In our experiments, we select camel, jedit, and lucene for parameter tuning. Figure 8 illustrates the F1-measure of DP-ARNN under different numbers of LSTM units, different numbers of 1st hidden layer nodes and different numbers of 2nd hidden layer nodes. The peak points of F1-measure in average under these three parameters are 40, 16, and 24, respectively. Hence, we use them as the values of the three parameters. Other parameters can also be gained via parameter adjustment, and Table 7 shows all the parameters we have tuned for DP-ARNN with training datasets.

5. Conclusion

As the scale and complexity of modern software continue to increase, software reliability has become an important indicator of software quality. To enhance software reliability, in this paper, we propose a deep learning-based method called DP-ARNN (defect prediction via attention-based recurrent neural network), as an aid to software testing and code review, to predict potential code defects in software. Specifically, DP-ARNN leverages RNN to automatically generate syntactic and semantic features from source code. Furthermore, we employ the attention mechanism to capture crucial features, which can further improve our defect prediction performance. Our experiments on seven open-source projects indicate that, in average, DP-ARNN improves the state-of-the-art baseline methods by 14% on F1-measure and 7% on AUC in software defect prediction.

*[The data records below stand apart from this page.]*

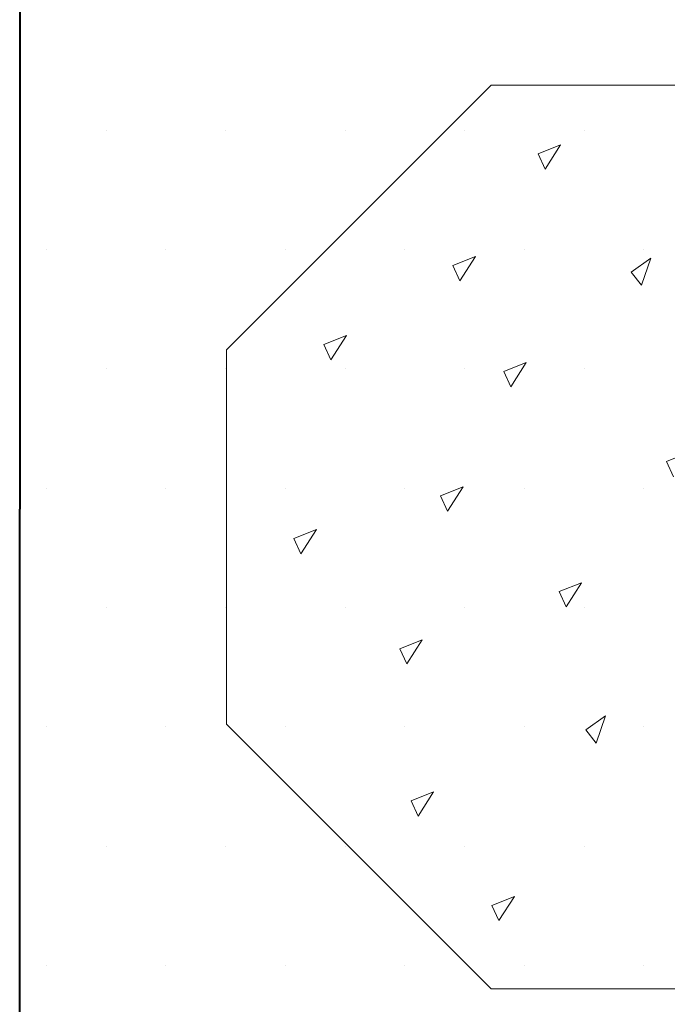
# Model space of a CAD drawing. Units: inches. Extents: x 459864 to 460310, y 324185 to 324787.
# Tile 4 of 112: x 460061.11 to 460069.72, y 324228.9 to 324241.99. Entities that reach past the tile are written whole.
import ezdxf

# ---------------------------------------------------------------- set-up
doc = ezdxf.new("R2010")
doc.units = ezdxf.units.IN
for name, color, linetype, lineweight in [('A-ANNO-DIMS', 2, 'Continuous', 18), ('A-WALL', 7, 'Continuous', 40), ('L-HRDS', 9, 'Continuous', 18), ('L-SITE-PATT', 252, 'Continuous', 13)]:
    doc.layers.add(name, color=color, linetype=linetype, lineweight=lineweight)
doc.styles.get("Standard").update_dxf_attribs({"font": 'arial.ttf'})
doc.dimstyles.new('ISO-25', dxfattribs={"dimtxt": 6, "dimasz": 2.5, "dimexe": 1.25, "dimexo": 0.625, "dimtad": 1, "dimdec": 1, "dimlunit": 3, "dimtxsty": 'Standard', "dimcen": 2.5, "dimadec": 0, "dimazin": 0, "dimtfac": 1, "dimtdec": 1, "dimtmove": 0, "dimatfit": 3, "dimfxl": 1, "dimarcsym": 0})

# ---------------------------------------------------------------- blocks, each defined once
blk = doc.blocks.new('Stepping Stone - hexagonal')
for p, q in [((-5.099, 10.067), (-10.964, 4.202)), ((3.195, 10.067), (-5.099, 10.067)), ((-3.564, 8.743), (-4.061, 8.544)), ((-3.906, 8.205), (-3.564, 8.743)), ((-4.061, 8.544), (-3.906, 8.205)), ((-5.451, 6.27), (-5.948, 6.072)), ((-5.793, 5.732), (-5.451, 6.27)), ((-1.567, 6.236), (-2.004, 5.927)), ((-1.775, 5.633), (-1.567, 6.236)), ((-5.948, 6.072), (-5.793, 5.732)), ((-2.004, 5.927), (-1.775, 5.633)), ((-8.308, 4.52), (-8.806, 4.321)), ((-8.651, 3.982), (-8.308, 4.52)), ((-10.964, 4.202), (-10.964, -4.092)), ((-8.806, 4.321), (-8.651, 3.982)), ((-4.324, 3.923), (-4.821, 3.724)), ((-4.821, 3.724), (-4.667, 3.385)), ((-4.667, 3.385), (-4.324, 3.923)), ((-0.723, 1.925), (-1.22, 1.726)), ((-1.22, 1.726), (-1.066, 1.387)), ((-5.724, 1.164), (-6.221, 0.965)), ((-6.066, 0.626), (-5.724, 1.164)), ((-6.221, 0.965), (-6.066, 0.626)), ((-8.972, 0.221), (-9.469, 0.023)), ((-9.314, -0.317), (-8.972, 0.221)), ((-9.469, 0.023), (-9.314, -0.317)), ((-3.099, -0.958), (-3.596, -1.157)), ((-3.441, -1.496), (-3.099, -0.958)), ((-3.596, -1.157), (-3.441, -1.496)), ((-6.63, -2.222), (-7.127, -2.421)), ((-6.972, -2.76), (-6.63, -2.222)), ((-7.127, -2.421), (-6.972, -2.76)), ((-2.567, -3.91), (-3.004, -4.219)), ((-2.774, -4.513), (-2.567, -3.91)), ((-10.964, -4.092), (-5.099, -9.957)), ((-3.004, -4.219), (-2.774, -4.513)), ((-6.377, -5.594), (-6.874, -5.792)), ((-6.719, -6.132), (-6.377, -5.594)), ((-6.874, -5.792), (-6.719, -6.132)), ((-4.588, -7.91), (-5.085, -8.109)), ((-4.93, -8.448), (-4.588, -7.91)), ((-5.085, -8.109), (-4.93, -8.448)), ((-5.099, -9.957), (3.195, -9.957))]:
    blk.add_line(p, q)
blk = doc.blocks.new('*D36')
at = {"layer": 'A-ANNO-DIMS', "color": 0, "lineweight": -2, "transparency": 16777216}
for p, q in [((460063.861, 324228.483), (460063.861, 324226.056)), ((460075.876, 324228.483), (460075.876, 324226.056)), ((460066.361, 324227.306), (460073.376, 324227.306)), ((460075.876, 324227.306), (460126.021, 324227.306))]:
    blk.add_line(p, q, dxfattribs=at)
at = {"layer": 'A-ANNO-DIMS', "color": 0, "transparency": 16777216}
for points in [[(460066.361, 324227.722), (460066.361, 324226.889), (460063.861, 324227.306)], [(460073.376, 324227.722), (460073.376, 324226.889), (460075.876, 324227.306)]]:
    blk.add_solid(points, dxfattribs=at)
at = {"layer": 'Defpoints', "color": 0, "transparency": 16777216}
for p in [(460063.861, 324229.108), (460075.876, 324229.108), (460075.876, 324227.306)]:
    blk.add_point(p, dxfattribs=at)
at = {"layer": 'A-ANNO-DIMS', "color": 0, "transparency": 16777216, "insert": (460102.199, 324230.994), "char_height": 6, "attachment_point": 5}
blk.add_mtext('PAVER 1\'-0"', dxfattribs=at)

msp = doc.modelspace()

# ---------------------------------------------------------------- hatches: boundary and pattern name
at = {"layer": 'L-SITE-PATT'}
h = msp.add_hatch(dxfattribs=at)
h.set_pattern_fill('DOTS', color=256)
h.paths.add_polyline_path([(460269.804, 324283.483), (460247.115, 324283.483), (460121.929, 324283.483), (460121.929, 324252.473), (460117.429, 324252.473), (460110.124, 324252.473), (460110.124, 324243.287), (460080.83, 324243.287), (460080.83, 324252.473), (460061.115, 324252.473), (460061.115, 324251.882), (460077.909, 324251.882), (460077.909, 324199.483), (460080.83, 324199.483), (460080.83, 324207.553), (460110.124, 324207.553), (460110.124, 324199.483), (460110.813, 324199.483), (460262.115, 324199.483), (460269.804, 324199.483)], flags=17)
edge = h.paths.add_edge_path(flags=0)
edge.add_ellipse((460222.59, 324263.813), major_axis=(-8.485, 8.485), ratio=1, start_angle=405, end_angle=495, ccw=False)
edge.add_line((460214.821, 324254.66), (460214.832, 324254.666))
edge.add_ellipse((460222.59, 324263.813), major_axis=(-8.485, 8.485), ratio=1, start_angle=405, end_angle=495, ccw=False)
edge.add_line((460210.759, 324261.781), (460210.768, 324261.787))
edge.add_ellipse((460222.59, 324263.813), major_axis=(-8.485, 8.485), ratio=1, start_angle=405, end_angle=495, ccw=False)
edge.add_ellipse((460222.59, 324263.813), major_axis=(-8.485, 8.485), ratio=1, start_angle=392.754, end_angle=405, ccw=False)
edge.add_ellipse((460222.59, 324263.813), major_axis=(-8.485, 8.485), ratio=1, start_angle=380.9347, end_angle=392.754, ccw=False)
edge.add_line((460211.337, 324267.985), (460211.34, 324267.985))
edge.add_ellipse((460222.59, 324263.813), major_axis=(-8.485, 8.485), ratio=1, start_angle=380.9347, end_angle=392.754, ccw=False)
edge.add_ellipse((460222.59, 324263.813), major_axis=(-8.485, 8.485), ratio=1, start_angle=347.9015, end_angle=380.9347, ccw=False)
edge.add_ellipse((460222.59, 324263.813), major_axis=(-8.485, 8.485), ratio=1, start_angle=327.0619, end_angle=347.9015, ccw=False)
edge.add_ellipse((460222.59, 324263.813), major_axis=(-8.485, 8.485), ratio=1, start_angle=278.3246, end_angle=327.0619, ccw=False)
edge.add_line((460225.158, 324275.536), (460225.158, 324275.535))
edge.add_ellipse((460222.59, 324263.813), major_axis=(-8.485, 8.485), ratio=1, start_angle=278.3246, end_angle=327.0619, ccw=False)
edge.add_ellipse((460222.59, 324263.813), major_axis=(-8.485, 8.485), ratio=1, start_angle=260.6436, end_angle=278.3246, ccw=False)
edge.add_ellipse((460222.59, 324263.813), major_axis=(-8.485, 8.485), ratio=1, start_angle=225, end_angle=260.6436, ccw=False)
edge.add_line((460234.509, 324265.243), (460234.501, 324265.239))
edge.add_ellipse((460222.59, 324263.813), major_axis=(-8.485, 8.485), ratio=1, start_angle=225, end_angle=260.6436, ccw=False)
edge.add_ellipse((460222.59, 324263.813), major_axis=(-8.485, 8.485), ratio=1, start_angle=495, end_angle=585, ccw=False)
edge.add_line((460234.437, 324261.861), (460234.424, 324261.858))
edge.add_ellipse((460222.59, 324263.813), major_axis=(-8.485, 8.485), ratio=1, start_angle=495, end_angle=585, ccw=False)
edge.add_line((460227.95, 324253.067), (460227.946, 324253.083))
edge.add_ellipse((460222.59, 324263.813), major_axis=(-8.485, 8.485), ratio=1, start_angle=495, end_angle=585, ccw=False)
edge.add_line((460226.223, 324252.369), (460226.211, 324252.38))
edge.add_ellipse((460222.59, 324263.813), major_axis=(-8.485, 8.485), ratio=1, start_angle=495, end_angle=585, ccw=False)
h.paths.add_polyline_path([(460219.651, 324254.347), (460218.461, 324253.545), (460218.275, 324254.789), (460219.642, 324256.542), (460219.625, 324260.848), (460216.11, 324257.333), (460214.35, 324256.978), (460215.416, 324259.356), (460212.524, 324258.496), (460213.137, 324259.93), (460218.507, 324263.813), (460222.59, 324263.813), (460222.59, 324267.807), (460218.176, 324272.212), (460219.026, 324274.639), (460222.59, 324272.811), (460222.59, 324275.423), (460223.057, 324274.825), (460222.675, 324273.492), (460225.912, 324267.135), (460219.625, 324260.848)], flags=0)
edge = h.paths.add_edge_path(flags=0)
edge.add_ellipse((460194.576, 324264.046), major_axis=(-8.485, 8.485), ratio=1, start_angle=495, end_angle=585, ccw=False)
edge.add_line((460199.936, 324253.3), (460199.932, 324253.316))
edge.add_ellipse((460194.576, 324264.046), major_axis=(-8.485, 8.485), ratio=1, start_angle=495, end_angle=585, ccw=False)
edge.add_line((460198.208, 324252.603), (460198.196, 324252.613))
edge.add_ellipse((460194.576, 324264.046), major_axis=(-8.485, 8.485), ratio=1, start_angle=495, end_angle=585, ccw=False)
edge.add_ellipse((460194.576, 324264.046), major_axis=(-8.485, 8.485), ratio=1, start_angle=405, end_angle=495, ccw=False)
edge.add_line((460186.806, 324254.893), (460186.817, 324254.899))
edge.add_ellipse((460194.576, 324264.046), major_axis=(-8.485, 8.485), ratio=1, start_angle=405, end_angle=495, ccw=False)
edge.add_line((460182.744, 324262.014), (460182.753, 324262.02))
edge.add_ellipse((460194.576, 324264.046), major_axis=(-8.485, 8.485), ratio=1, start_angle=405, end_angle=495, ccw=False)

To further evaluate the generality of DP-ARNN in the fields of defect prediction, in the future, we will conduct experiments on more projects, including personal projects and company projects. Meanwhile, we will implement our method to other programming languages such as Python, Javascript, and C++ to verify the effectiveness of it. Moreover, we will try to embed static code attributes into DP-ARNN, and then test whether the performance of defect prediction can be improved.

Data Availability

There are two different datasets including source code and static code metrics of the seven open-sourced Java projects. The source code of these projects from Apache is available at https://github.com/apache. Datasets which contain static code metrics of theses projects are derived from http://snow.iiar.pwr.wroc.pl:8080/MetricsRepo/.

Conflicts of Interest

There are no conflicts of interest regarding the publication of this paper.


This work was partially supported by the NSF of China under Grant nos. 61772200 and 61702334, Shanghai Pujiang Talent Program under grants no. 17PJ1401900, Shanghai Municipal Natural Science Foundation under Grant nos. 17ZR1406900 and 17ZR1429700, Educational Research Fund of ECUST under Grant no. ZH1726108, and the Collaborative Innovation Foundation of Shanghai Institute of Technology under Grant no. XTCX2016-20.